These files are used for assessing polygenic risk score (PRS) prediction of depression status in individual cohorts of Major Depressive Disorder Psychiatric Genomics Consortium from the PGC29 release, as described in the paper. GWAS summary statistics from this study, accessible through https://doi.org/10.6084/m9.figshare.11733753.v1, are first pruned for SNPs present in the PGC29 cohorts, with their effect alleles also aligned with those specified in PGC29 cohorts.

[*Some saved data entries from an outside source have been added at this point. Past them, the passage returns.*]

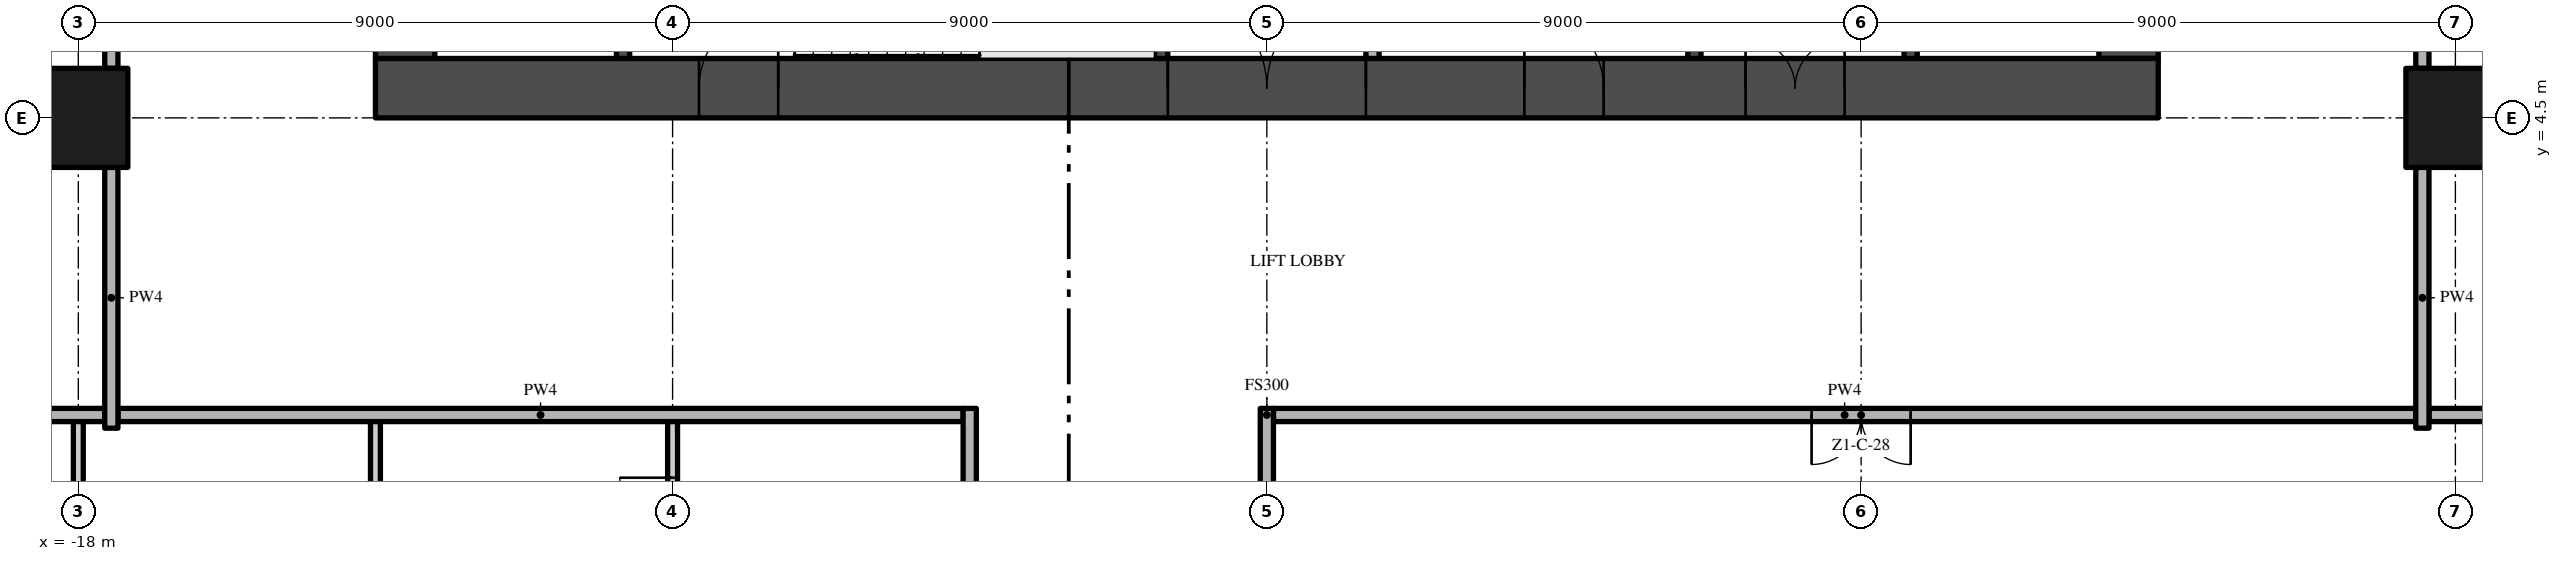
"""IFC4 building model, lengths in metres.
Left out: names, types, materials, properties, quantities, classifications, styles, units other than length and angle.
Written with IfcOpenShell. Run it as: python <this file> out.ifc"""

import sys

from ifc_helpers import new_model, si_unit, direction, frame, frame_2d, origin, origin_2d, place, context, subcontext, project, spatial, rectangle, extrude, element, fill, save


model = new_model("IFC4")
c1 = context("Model", 3, precision=1e-05, world=origin(), true_north=direction((0.0, 1.0)))
c2 = subcontext(c1, "Body", "Model", "MODEL_VIEW")
j1 = project(units=[si_unit("LENGTHUNIT", "METRE"), si_unit("PLANEANGLEUNIT", "RADIAN")], contexts=[c1])
p1 = place(None, origin())
s1 = spatial("IfcSite", under=j1, at=p1, CompositionType="ELEMENT")
p2 = place(p1, origin())
s2 = spatial("IfcBuilding", under=s1, at=p2, CompositionType="ELEMENT")
p3 = place(p2, frame((0.0, 0.0, 45.4)))
s3 = spatial("IfcBuildingStorey", under=s2, at=p3, CompositionType="ELEMENT", Elevation=45.4)
p4 = place(p3, frame((-13.5, 4.95, -0.3), z_axis=(0.0, 0.0, 1.0), x_axis=(1.0, 0.0, 0.0)))
e1 = element("IfcWall", 1, at=p4, inside=s3, PredefinedType="SHEAR", context=c2, shape_type="SweptSolid", body=[
    extrude(rectangle(XDim=27.0, YDim=0.9, at=frame_2d((13.5, 0.0))), origin(), (0.0, 0.0, 1.0), 3.8),
])
p5 = place(p4, frame((12.0, 0.0, 0.3)))
e2 = element("IfcOpeningElement", 2, at=p5, cuts=e1, PredefinedType="OPENING", context=c2, shape_type="SweptSolid", body=[
    extrude(rectangle(XDim=3.0, YDim=2.4, at=frame_2d((1.5, 1.2))), frame((0.0, 0.46, 0.0), z_axis=(0.0, -1.0, 0.0), x_axis=(1.0, 0.0, 0.0)), (0.0, 0.0, 1.0), 0.92),
])
p6 = place(p4, frame((4.9, 0.0, 0.3)))
e3 = element("IfcOpeningElement", 3, at=p6, cuts=e1, PredefinedType="OPENING", context=c2, shape_type="SweptSolid", body=[
    extrude(rectangle(XDim=1.2, YDim=2.2, at=frame_2d((0.6, 1.1))), frame((0.0, 0.46, 0.0), z_axis=(0.0, -1.0, 0.0), x_axis=(1.0, 0.0, 0.0)), (0.0, 0.0, 1.0), 0.92),
])
p7 = place(p4, frame((20.75, 0.0, 0.3)))
e4 = element("IfcOpeningElement", 4, at=p7, cuts=e1, PredefinedType="OPENING", context=c2, shape_type="SweptSolid", body=[
    extrude(rectangle(XDim=1.5, YDim=2.2, at=frame_2d((0.75, 1.1))), frame((0.0, 0.46, 0.0), z_axis=(0.0, -1.0, 0.0), x_axis=(1.0, 0.0, 0.0)), (0.0, 0.0, 1.0), 0.92),
])
p8 = place(p4, frame((17.4, 0.0, 0.3)))
e5 = element("IfcOpeningElement", 5, at=p8, cuts=e1, PredefinedType="OPENING", context=c2, shape_type="SweptSolid", body=[
    extrude(rectangle(XDim=1.2, YDim=2.2, at=frame_2d((0.6, 1.1))), frame((0.0, 0.46, 0.0), z_axis=(0.0, -1.0, 0.0), x_axis=(1.0, 0.0, 0.0)), (0.0, 0.0, 1.0), 0.92),
])
p9 = place(p3, frame((13.05, 5.4, -0.3), z_axis=(0.0, 0.0, 1.0), x_axis=(0.0, 1.0, 0.0)))
e6 = element("IfcWall", 6, at=p9, inside=s3, PredefinedType="SHEAR", context=c2, shape_type="SweptSolid", body=[
    extrude(rectangle(XDim=16.2, YDim=0.9, at=frame_2d((8.1, 0.0))), origin(), (0.0, 0.0, 1.0), 3.8),
])
p10 = place(p9, frame((6.0, 0.0, 0.3)))
e7 = element("IfcOpeningElement", 7, at=p10, cuts=e6, PredefinedType="OPENING", context=c2, shape_type="SweptSolid", body=[
    extrude(rectangle(XDim=1.2, YDim=2.2, at=frame_2d((0.6, 1.1))), frame((0.0, 0.46, 0.0), z_axis=(0.0, -1.0, 0.0), x_axis=(1.0, 0.0, 0.0)), (0.0, 0.0, 1.0), 0.92),
])
p11 = place(p3, frame((-13.05, 21.6, -0.3), z_axis=(0.0, 0.0, 1.0), x_axis=(0.0, -1.0, 0.0)))
e8 = element("IfcWall", 8, at=p11, inside=s3, PredefinedType="SHEAR", context=c2, shape_type="SweptSolid", body=[
    extrude(rectangle(XDim=16.2, YDim=0.9, at=frame_2d((8.1, 0.0))), origin(), (0.0, 0.0, 1.0), 3.8),
])
p12 = place(p11, frame((9.0, 0.0, 0.3)))
e9 = element("IfcOpeningElement", 9, at=p12, cuts=e8, PredefinedType="OPENING", context=c2, shape_type="SweptSolid", body=[
    extrude(rectangle(XDim=1.2, YDim=2.2, at=frame_2d((0.6, 1.1))), frame((0.0, 0.46, 0.0), z_axis=(0.0, -1.0, 0.0), x_axis=(1.0, 0.0, 0.0)), (0.0, 0.0, 1.0), 0.92),
])
for number, where, z_axis, x_axis in (
    (10, (-18.0, 4.5, 0.0), (0.0, 0.0, 1.0), (1.0, 0.0, 0.0)),
    (11, (18.0, 4.5, 0.0), (0.0, 0.0, 1.0), (1.0, 0.0, 0.0)),
):
    element("IfcColumn", number, at=place(p3, frame(where, z_axis=z_axis, x_axis=x_axis)), inside=s3, PredefinedType="COLUMN", context=c2, shape_type="SweptSolid", body=[
        extrude(rectangle(XDim=1.5, YDim=1.5, at=origin_2d()), origin(), (0.0, 0.0, 1.0), 3.5),
    ])
for number, where, z_axis, x_axis in (
    (12, (-9.75, 5.4, 0.0), (0.0, 0.0, 1.0), (0.0, 1.0, 0.0)),
    (13, (-1.6, 5.4, 0.0), (0.0, 0.0, 1.0), (0.0, 1.0, 0.0)),
):
    element("IfcWall", number, at=place(p3, frame(where, z_axis=z_axis, x_axis=x_axis)), inside=s3, PredefinedType="SHEAR", context=c2, shape_type="SweptSolid", body=[
        extrude(rectangle(XDim=2.55, YDim=0.2, at=frame_2d((1.275, 0.0))), origin(), (0.0, 0.0, 1.0), 3.5),
    ])
p13 = place(p3, frame((1.6, 7.5, 0.0), z_axis=(0.0, 0.0, 1.0), x_axis=(0.0, -1.0, 0.0)))
e14 = element("IfcWall", 14, at=p13, inside=s3, PredefinedType="PARTITIONING", context=c2, shape_type="SweptSolid", body=[
    extrude(rectangle(XDim=2.1, YDim=0.2, at=frame_2d((1.05, 0.0))), origin(), (0.0, 0.0, 1.0), 3.5),
])
p14 = place(p13, frame((0.25, 0.0, 0.0)))
e15 = element("IfcOpeningElement", 15, at=p14, cuts=e14, PredefinedType="OPENING", context=c2, shape_type="SweptSolid", body=[
    extrude(rectangle(XDim=0.9, YDim=2.1, at=frame_2d((0.45, 1.05))), frame((0.0, 0.11, 0.0), z_axis=(0.0, -1.0, 0.0), x_axis=(1.0, 0.0, 0.0)), (0.0, 0.0, 1.0), 0.22),
])
p15 = place(p3, frame((6.475, 5.4, 0.0), z_axis=(0.0, 0.0, 1.0), x_axis=(0.0, 1.0, 0.0)))
e16 = element("IfcWall", 16, at=p15, inside=s3, PredefinedType="SHEAR", context=c2, shape_type="SweptSolid", body=[
    extrude(rectangle(XDim=2.1, YDim=0.2, at=frame_2d((1.05, 0.0))), origin(), (0.0, 0.0, 1.0), 3.5),
])
p16 = place(p3, frame((9.75, 5.4, 0.0), z_axis=(0.0, 0.0, 1.0), x_axis=(0.0, 1.0, 0.0)))
e17 = element("IfcWall", 17, at=p16, inside=s3, PredefinedType="SHEAR", context=c2, shape_type="SweptSolid", body=[
    extrude(rectangle(XDim=2.2, YDim=0.2, at=frame_2d((1.1, 0.0))), origin(), (0.0, 0.0, 1.0), 3.5),
])
p17 = place(p16, frame((0.55, 0.0, 0.0)))
e18 = element("IfcOpeningElement", 18, at=p17, cuts=e17, PredefinedType="OPENING", context=c2, shape_type="SweptSolid", body=[
    extrude(rectangle(XDim=1.1, YDim=2.1, at=frame_2d((0.55, 1.05))), frame((0.0, 0.11, 0.0), z_axis=(0.0, -1.0, 0.0), x_axis=(1.0, 0.0, 0.0)), (0.0, 0.0, 1.0), 0.22),
])
p18 = place(p3, frame((-17.4, 0.0, 0.0), z_axis=(0.0, 0.0, 1.0), x_axis=(1.0, 0.0, 0.0)))
e19 = element("IfcWall", 19, at=p18, inside=s3, PredefinedType="PARTITIONING", context=c2, shape_type="SweptSolid", body=[
    extrude(rectangle(XDim=12.8, YDim=0.2, at=frame_2d((6.4, 0.0))), origin(), (0.0, 0.0, 1.0), 3.5),
])
p19 = place(p3, frame((17.4, 0.0, 0.0), z_axis=(0.0, 0.0, 1.0), x_axis=(-1.0, 0.0, 0.0)))
e20 = element("IfcWall", 20, at=p19, inside=s3, PredefinedType="PARTITIONING", context=c2, shape_type="SweptSolid", body=[
    extrude(rectangle(XDim=17.3, YDim=0.2, at=frame_2d((8.65, 0.0))), origin(), (0.0, 0.0, 1.0), 3.5),
])
p20 = place(p19, frame((7.65, 0.0, 0.0)))
e21 = element("IfcOpeningElement", 21, at=p20, cuts=e20, PredefinedType="OPENING", context=c2, shape_type="SweptSolid", body=[
    extrude(rectangle(XDim=1.5, YDim=2.4, at=frame_2d((0.75, 1.2))), frame((0.0, 0.11, 0.0), z_axis=(0.0, -1.0, 0.0), x_axis=(1.0, 0.0, 0.0)), (0.0, 0.0, 1.0), 0.22),
])
for number, where, z_axis, x_axis in (
    (22, (-26.7, 0.0, 0.0), (0.0, 0.0, 1.0), (1.0, 0.0, 0.0)),
    (23, (17.6, 0.0, 0.0), (0.0, 0.0, 1.0), (1.0, 0.0, 0.0)),
):
    element("IfcWall", number, at=place(p3, frame(where, z_axis=z_axis, x_axis=x_axis)), inside=s3, PredefinedType="PARTITIONING", context=c2, shape_type="SweptSolid", body=[
        extrude(rectangle(XDim=9.1, YDim=0.2, at=frame_2d((4.55, 0.0))), origin(), (0.0, 0.0, 1.0), 3.5),
    ])
p21 = place(p3, frame((-18.0, -3.75, 0.0), z_axis=(0.0, 0.0, 1.0), x_axis=(0.0, 1.0, 0.0)))
e24 = element("IfcWall", 24, at=p21, inside=s3, PredefinedType="PARTITIONING", context=c2, shape_type="SweptSolid", body=[
    extrude(rectangle(XDim=3.65, YDim=0.15, at=frame_2d((1.825, 0.0))), origin(), (0.0, 0.0, 1.0), 3.5),
])
p22 = place(p21, frame((1.0, 0.0, 0.0)))
e25 = element("IfcOpeningElement", 25, at=p22, cuts=e24, PredefinedType="OPENING", context=c2, shape_type="SweptSolid", body=[
    extrude(rectangle(XDim=1.0, YDim=2.4, at=frame_2d((0.5, 1.2))), frame((0.0, 0.085, 0.0), z_axis=(0.0, -1.0, 0.0), x_axis=(1.0, 0.0, 0.0)), (0.0, 0.0, 1.0), 0.17),
])
p23 = place(p3, frame((-17.5, -0.2, 0.0), z_axis=(0.0, 0.0, 1.0), x_axis=(0.0, 1.0, 0.0)))
e26 = element("IfcWall", 26, at=p23, inside=s3, PredefinedType="PARTITIONING", context=c2, shape_type="SweptSolid", body=[
    extrude(rectangle(XDim=3.95, YDim=0.2, at=frame_2d((1.975, 0.0))), origin(), (0.0, 0.0, 1.0), 3.5),
])
p24 = place(p3, frame((-17.5, 5.25, 0.0), z_axis=(0.0, 0.0, 1.0), x_axis=(0.0, 1.0, 0.0)))
e27 = element("IfcWall", 27, at=p24, inside=s3, PredefinedType="PARTITIONING", context=c2, shape_type="SweptSolid", body=[
    extrude(rectangle(XDim=7.5, YDim=0.2, at=frame_2d((3.75, 0.0))), origin(), (0.0, 0.0, 1.0), 3.5),
])
p25 = place(p24, frame((3.15, 0.0, 0.0)))
e28 = element("IfcOpeningElement", 28, at=p25, cuts=e27, PredefinedType="OPENING", context=c2, shape_type="SweptSolid", body=[
    extrude(rectangle(XDim=1.2, YDim=2.4, at=frame_2d((0.6, 1.2))), frame((0.0, 0.11, 0.0), z_axis=(0.0, -1.0, 0.0), x_axis=(1.0, 0.0, 0.0)), (0.0, 0.0, 1.0), 0.22),
])
p26 = place(p3, frame((-13.5, -0.1, 0.0), z_axis=(0.0, 0.0, 1.0), x_axis=(0.0, -1.0, 0.0)))
e29 = element("IfcWall", 29, at=p26, inside=s3, PredefinedType="PARTITIONING", context=c2, shape_type="SweptSolid", body=[
    extrude(rectangle(XDim=7.475, YDim=0.15, at=frame_2d((3.737, 0.0))), origin(), (0.0, 0.0, 1.0), 3.5),
])
p27 = place(p26, frame((3.1, 0.0, 0.0)))
e30 = element("IfcOpeningElement", 30, at=p27, cuts=e29, PredefinedType="OPENING", context=c2, shape_type="SweptSolid", body=[
    extrude(rectangle(XDim=0.8, YDim=2.0, at=frame_2d((0.4, 1.0))), frame((0.0, 0.085, 0.0), z_axis=(0.0, -1.0, 0.0), x_axis=(1.0, 0.0, 0.0)), (0.0, 0.0, 1.0), 0.17),
])
p28 = place(p3, frame((-9.0, -3.75, 0.0), z_axis=(0.0, 0.0, 1.0), x_axis=(0.0, 1.0, 0.0)))
e31 = element("IfcWall", 31, at=p28, inside=s3, PredefinedType="PARTITIONING", context=c2, shape_type="SweptSolid", body=[
    extrude(rectangle(XDim=3.65, YDim=0.15, at=frame_2d((1.825, 0.0))), origin(), (0.0, 0.0, 1.0), 3.5),
])
p29 = place(p28, frame((2.0, 0.0, 0.0)))
e32 = element("IfcOpeningElement", 32, at=p29, cuts=e31, PredefinedType="OPENING", context=c2, shape_type="SweptSolid", body=[
    extrude(rectangle(XDim=0.8, YDim=2.0, at=frame_2d((0.4, 1.0))), frame((0.0, 0.085, 0.0), z_axis=(0.0, -1.0, 0.0), x_axis=(1.0, 0.0, 0.0)), (0.0, 0.0, 1.0), 0.17),
])
p30 = place(p3, frame((-4.5, -22.2, 0.0), z_axis=(0.0, 0.0, 1.0), x_axis=(0.0, 1.0, 0.0)))
e33 = element("IfcWall", 33, at=p30, inside=s3, PredefinedType="PARTITIONING", context=c2, shape_type="SweptSolid", body=[
    extrude(rectangle(XDim=22.3, YDim=0.2, at=frame_2d((11.15, 0.0))), origin(), (0.0, 0.0, 1.0), 3.5),
])
p31 = place(p30, frame((10.2, 0.0, 0.0)))
e34 = element("IfcOpeningElement", 34, at=p31, cuts=e33, PredefinedType="OPENING", context=c2, shape_type="SweptSolid", body=[
    extrude(rectangle(XDim=1.5, YDim=2.4, at=frame_2d((0.75, 1.2))), frame((0.0, 0.11, 0.0), z_axis=(0.0, -1.0, 0.0), x_axis=(1.0, 0.0, 0.0)), (0.0, 0.0, 1.0), 0.22),
])
p32 = place(p3, frame((0.0, -3.75, 0.0), z_axis=(0.0, 0.0, 1.0), x_axis=(0.0, 1.0, 0.0)))
e35 = element("IfcWall", 35, at=p32, inside=s3, PredefinedType="PARTITIONING", context=c2, shape_type="SweptSolid", body=[
    extrude(rectangle(XDim=3.85, YDim=0.2, at=frame_2d((1.925, 0.0))), origin(), (0.0, 0.0, 1.0), 3.5),
])
p33 = place(p3, frame((17.5, -0.2, 0.0), z_axis=(0.0, 0.0, 1.0), x_axis=(0.0, 1.0, 0.0)))
e36 = element("IfcWall", 36, at=p33, inside=s3, PredefinedType="PARTITIONING", context=c2, shape_type="SweptSolid", body=[
    extrude(rectangle(XDim=3.95, YDim=0.2, at=frame_2d((1.975, 0.0))), origin(), (0.0, 0.0, 1.0), 3.5),
])
p34 = place(p3, frame((17.5, 12.75, 0.0), z_axis=(0.0, 0.0, 1.0), x_axis=(0.0, -1.0, 0.0)))
e37 = element("IfcWall", 37, at=p34, inside=s3, PredefinedType="PARTITIONING", context=c2, shape_type="SweptSolid", body=[
    extrude(rectangle(XDim=7.5, YDim=0.2, at=frame_2d((3.75, 0.0))), origin(), (0.0, 0.0, 1.0), 3.5),
])
p35 = place(p34, frame((3.15, 0.0, 0.0)))
e38 = element("IfcOpeningElement", 38, at=p35, cuts=e37, PredefinedType="OPENING", context=c2, shape_type="SweptSolid", body=[
    extrude(rectangle(XDim=1.2, YDim=2.4, at=frame_2d((0.6, 1.2))), frame((0.0, 0.11, 0.0), z_axis=(0.0, -1.0, 0.0), x_axis=(1.0, 0.0, 0.0)), (0.0, 0.0, 1.0), 0.22),
])
p36 = place(p5, frame((3.0, 0.0, 0.0), z_axis=(0.0, 0.0, 1.0), x_axis=(-1.0, 0.0, 0.0)))
e39 = element("IfcDoor", 39, at=p36, inside=s3, OperationType="DOUBLE_DOOR_SINGLE_SWING", PredefinedType="DOOR", context=c2, shape_type="SweptSolid", body=[
    extrude(rectangle(XDim=3.0, YDim=2.4, at=frame_2d((1.5, 1.2))), frame((0.0, 0.025, 0.0), z_axis=(0.0, -1.0, 0.0), x_axis=(1.0, 0.0, 0.0)), (0.0, 0.0, 1.0), 0.05),
])
fill(e2, e39)
p37 = place(p6, frame((1.2, 0.0, 0.0), z_axis=(0.0, 0.0, 1.0), x_axis=(-1.0, 0.0, 0.0)))
e40 = element("IfcDoor", 40, at=p37, inside=s3, OperationType="SINGLE_SWING_LEFT", PredefinedType="DOOR", context=c2, shape_type="SweptSolid", body=[
    extrude(rectangle(XDim=1.2, YDim=2.2, at=frame_2d((0.6, 1.1))), frame((0.0, 0.025, 0.0), z_axis=(0.0, -1.0, 0.0), x_axis=(1.0, 0.0, 0.0)), (0.0, 0.0, 1.0), 0.05),
])
fill(e3, e40)
p38 = place(p7, frame((1.5, 0.0, 0.0), z_axis=(0.0, 0.0, 1.0), x_axis=(-1.0, 0.0, 0.0)))
e41 = element("IfcDoor", 41, at=p38, inside=s3, OperationType="DOUBLE_DOOR_SINGLE_SWING", PredefinedType="DOOR", context=c2, shape_type="SweptSolid", body=[
    extrude(rectangle(XDim=1.5, YDim=2.2, at=frame_2d((0.75, 1.1))), frame((0.0, 0.025, 0.0), z_axis=(0.0, -1.0, 0.0), x_axis=(1.0, 0.0, 0.0)), (0.0, 0.0, 1.0), 0.05),
])
fill(e4, e41)
p39 = place(p8, frame((1.2, 0.0, 0.0), z_axis=(0.0, 0.0, 1.0), x_axis=(-1.0, 0.0, 0.0)))
e42 = element("IfcDoor", 42, at=p39, inside=s3, OperationType="SINGLE_SWING_RIGHT", PredefinedType="DOOR", context=c2, shape_type="SweptSolid", body=[
    extrude(rectangle(XDim=1.2, YDim=2.2, at=frame_2d((0.6, 1.1))), frame((0.0, 0.025, 0.0), z_axis=(0.0, -1.0, 0.0), x_axis=(1.0, 0.0, 0.0)), (0.0, 0.0, 1.0), 0.05),
])
fill(e5, e42)
p40 = place(p29, origin())
e43 = element("IfcDoor", 43, at=p40, inside=s3, OperationType="SINGLE_SWING_RIGHT", PredefinedType="DOOR", context=c2, shape_type="SweptSolid", body=[
    extrude(rectangle(XDim=0.8, YDim=2.0, at=frame_2d((0.4, 1.0))), frame((0.0, 0.025, 0.0), z_axis=(0.0, -1.0, 0.0), x_axis=(1.0, 0.0, 0.0)), (0.0, 0.0, 1.0), 0.05),
])
fill(e32, e43)
p41 = place(p20, origin())
e44 = element("IfcDoor", 44, at=p41, inside=s3, OperationType="DOUBLE_DOOR_SINGLE_SWING", PredefinedType="DOOR", context=c2, shape_type="SweptSolid", body=[
    extrude(rectangle(XDim=1.5, YDim=2.4, at=frame_2d((0.75, 1.2))), frame((0.0, 0.025, 0.0), z_axis=(0.0, -1.0, 0.0), x_axis=(1.0, 0.0, 0.0)), (0.0, 0.0, 1.0), 0.05),
])
fill(e21, e44)
save(model, sys.argv[1])

They then undergo LD-clumping using the clump_nav3 function in the Ricopilli pipeline, with the following parameters:

clump_nav3 --noindel \
--pfile $pheno_clumpOut.gz \
--hq_f 0.01 \
--hq_i 0.6 \
--outname $pheno_clumpOut \
--clu_p1 1.0 \
--clu_p2 1.0 \
--clu_window 500 \
--clu_r2 0.1 \
--refdir $refdir
--popname eur \
--force1

They are then used in PRS prediction of MDD status in PGC29 cohorts using the my_postimp_navi function in Ricopilli.

Please note that these files do not contain SNPs filtered based on P value thresholds; they contain SNPs across the whole range of association P values in their respective GWAS, and P value thresholds were only imposed when calculating PRS prediction statistics.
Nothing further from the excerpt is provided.